Thanks kdm, great test!


----------



## windshore (Apr 30, 2010)

thanks for posting!


----------



## Andrew Souter (May 5, 2010)

kdm @ Thu Apr 29 said:


> Here's the key:
> 
> Vocal Hall 4A: Aether (Hall 1, tweaked)
> Vocal Hall 4B: PCM Large Hall preset
> ...



So the summary from what I read is:

1) Everyone who voted based on blind listening preferred Aether
2) Everyone correctly noted that the examples are not perfectly matched preset-wise, and this is difficult to do since Aether is not trying to emulate Lex. Nonetheless, those who voted, voted for Aether.
3) Aether is $1250 cheaper, or let's say 1/6 the estimated $1500 price.
4) Aether is heavier in CPU usage. Lowest quality settings use roughly 2x as much as Lex.
5) Aether has variable quality settings and CPU usage is variable based on quality settings and other settings on the Main page GUI. Extreme quality settings require more CPU usage and highest offline settings push the limits of what is possible on todays CPUs.

Is that a correct summary? I guess this is a good result for us then?? :D 

"Price per instance" is sort of an odd metric IMHO since must people will never use more than 5 (or 10 in extreme cases) instances in a project. However we should note that if we compare base quality settings in aether we have 1/6 the price and 2/1 the CPU usage, so we actually WIN by a factor of 3 in "Price per instance" in this case. When extreme quality settings are invoked this can change depending on a users's hardware. But again, IMHO this is not an important metric really. Really I think what matters is the sound, and is performance good enough such that it does not interfere with your workflow. Beyond that, what does it matter if you can load 100, 200, or 400 instances if you really only need 5-10?? Am I right??

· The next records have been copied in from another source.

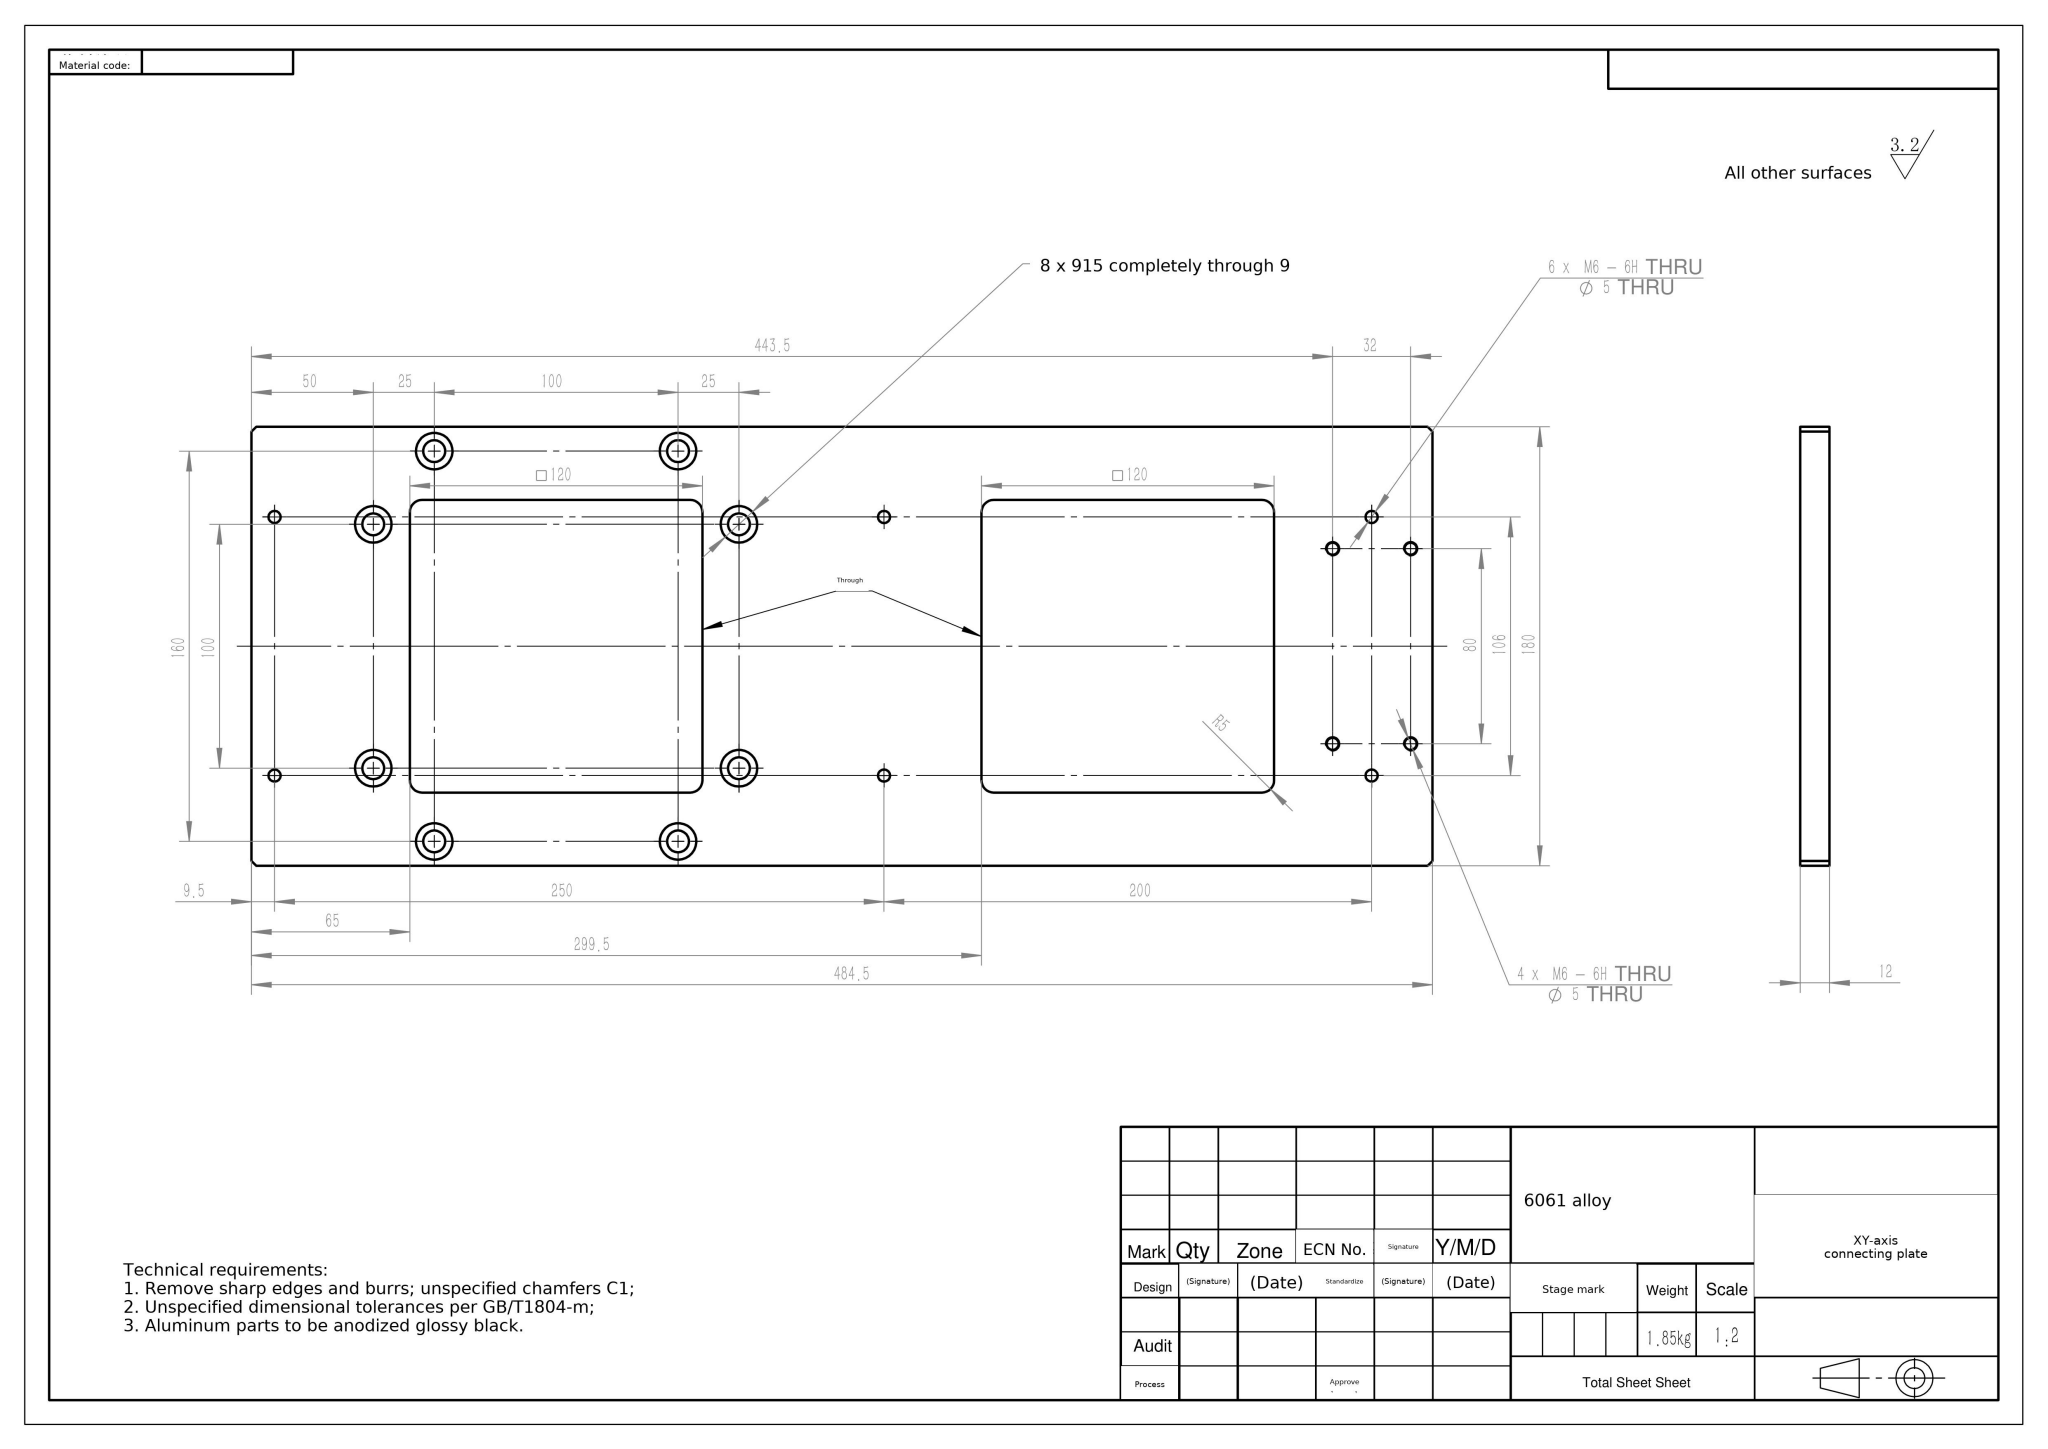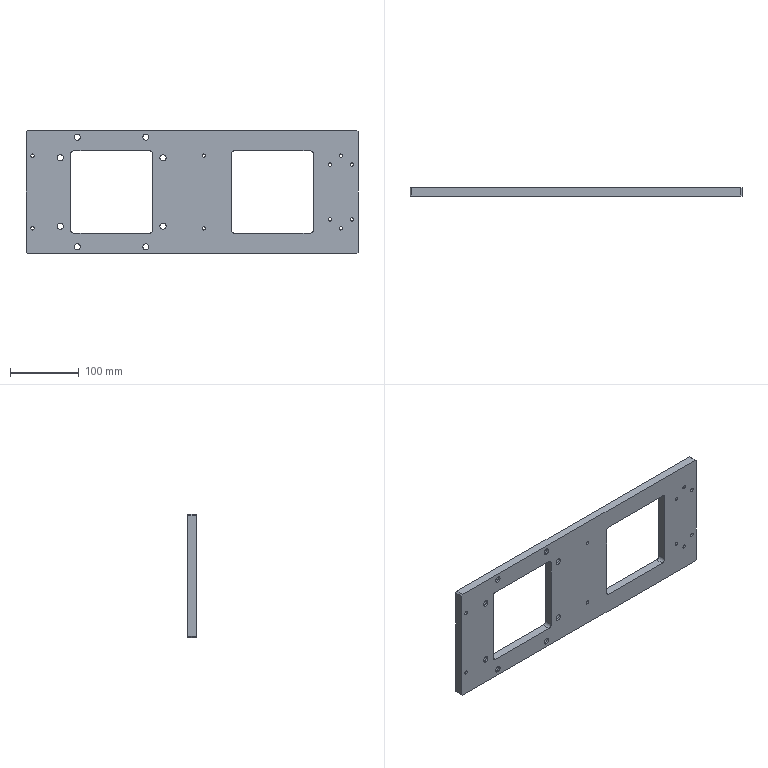Part | SolidWorks | mm | material 6061 alloy | 1 solid | 86 faces | box 484.5 x 12 x 180 mm | volume 684733 mm3 | cylinder 60 | plane 26 | commonest cylinder face diameters 5 x20 15 x16 9 x16 10 x8
build123d program:
from build123d import *

# Parameters (mm, degrees)
SKETCH1_W                                          = 484.5
SKETCH1_H                                          = 180
BOSS_EXTRUDE1_DEPTH                                = 12
HOLE_SIZE_ACCORDING_TO_TYPE_0_OF_HEX_S_D           = 9
HOLE_SIZE_ACCORDING_TO_TYPE_0_OF_HEX_S_CBORE_D     = 15
HOLE_SIZE_ACCORDING_TO_TYPE_0_OF_HEX_S_CBORE_DEPTH = 9
M6_TAPPED_HOLE1_D                                  = 5
M6_TAPPED_HOLE2_D                                  = 5
CHAMFER1_SIZE                                      = 2
CUT_EXTRUDE1_DEPTH                                 = 259.707


with BuildPart() as part:
    # Sketch1 → Boss-Extrude1 (new body)
    with BuildSketch(Plane(origin=(0, 0, 0), x_dir=(1, 0, 0), z_dir=(0, 1, 0))):
        Rectangle(SKETCH1_W, SKETCH1_H)
    extrude(amount=BOSS_EXTRUDE1_DEPTH)

    # Hole Size _according to_ Type 0 of Hex S (through all)
    with Locations(Plane(origin=(0, 12, 0), x_dir=(1, 0, 0), z_dir=(0, 1, 0))):
        with Locations((-167.25, 80), (-67.25, 80), (-192.25, 50), (-42.25, 50), (-42.25, -50), (-192.25, -50), (-67.25, -80), (-167.25, -80)):
            CounterBoreHole(HOLE_SIZE_ACCORDING_TO_TYPE_0_OF_HEX_S_D / 2, HOLE_SIZE_ACCORDING_TO_TYPE_0_OF_HEX_S_CBORE_D / 2, HOLE_SIZE_ACCORDING_TO_TYPE_0_OF_HEX_S_CBORE_DEPTH)

    # M6 Tapped Hole1 (through all)
    with Locations(Plane(origin=(0, 12, 0), x_dir=(1, 0, 0), z_dir=(0, 1, 0))):
        with Locations((-232.75, 53), (17.25, 53), (217.25, 53), (217.25, -53), (17.25, -53), (-232.75, -53)):
            Hole(M6_TAPPED_HOLE1_D / 2)

    # M6 Tapped Hole2 (through all)
    with Locations(Plane(origin=(0, 0, 0), x_dir=(-1, 0, 0), z_dir=(0, -1, 0))):
        with Locations((-201.25, -40), (-233.25, -40), (-201.25, 40), (-233.25, 40)):
            Hole(M6_TAPPED_HOLE2_D / 2)

    # Chamfer1
    chamfer1_edges = [part.edges().sort_by_distance(p)[0] for p in [
        (242.25, 6, 90),
        (-242.25, 6, 90),
        (-242.25, 6, -90),
        (242.25, 6, -90),
    ]]
    chamfer(chamfer1_edges, length=CHAMFER1_SIZE)

    # Sketch8 → Cut-Extrude1 (cut, through all)
    with BuildSketch(Plane.XZ):
        with BuildLine():
            Line((62.25, 60), (172.25, 60))
            ThreePointArc((172.25, 60), (175.786, 58.536), (177.25, 55))
            Line((177.25, 55), (177.25, -55))
            ThreePointArc((177.25, -55), (175.786, -58.536), (172.25, -60))
            Line((172.25, -60), (62.25, -60))
            ThreePointArc((62.25, -60), (58.714, -58.536), (57.25, -55))
            Line((57.25, -55), (57.25, 55))
            ThreePointArc((57.25, 55), (58.714, 58.536), (62.25, 60))
        make_face()
        with BuildLine():
            Line((-177.25, 55), (-177.25, -55))
            ThreePointArc((-177.25, -55), (-175.786, -58.536), (-172.25, -60))
            Line((-172.25, -60), (-62.25, -60))
            ThreePointArc((-62.25, -60), (-58.714, -58.536), (-57.25, -55))
            Line((-57.25, -55), (-57.25, 55))
            ThreePointArc((-57.25, 55), (-58.714, 58.536), (-62.25, 60))
            Line((-62.25, 60), (-172.25, 60))
            ThreePointArc((-172.25, 60), (-175.786, 58.536), (-177.25, 55))
        make_face()
    extrude(amount=-CUT_EXTRUDE1_DEPTH, mode=Mode.SUBTRACT)


solid = part.part

In terms of usabilty, Lex has great, well orgranized presets, this is definately true. However we have vastly expanded and improved our presets and our preset orgraniztion in 1.5, as described here:

http://www.2caudio.com/products/aether/presets.html

Our goal with these is:



> 2CAudio prides itself on being an innovative company, and deeply values creativity. This leads us to design maxmium flexibility into our products and avoid artificial limits on parameters. Aether therefore, allows more extreme parameter ranges than any other reverb on the market. Does it excel at FX-oriented presets and venture into territory that few other products explore? Absolutely! Is limited to FX-oriented presets? Hell no! To proove it to you we have initiated the development of Aether Preset Expansions. The primary goal of these products is to demonstrate just how versatile Aether is, and proove that is excels in all areas.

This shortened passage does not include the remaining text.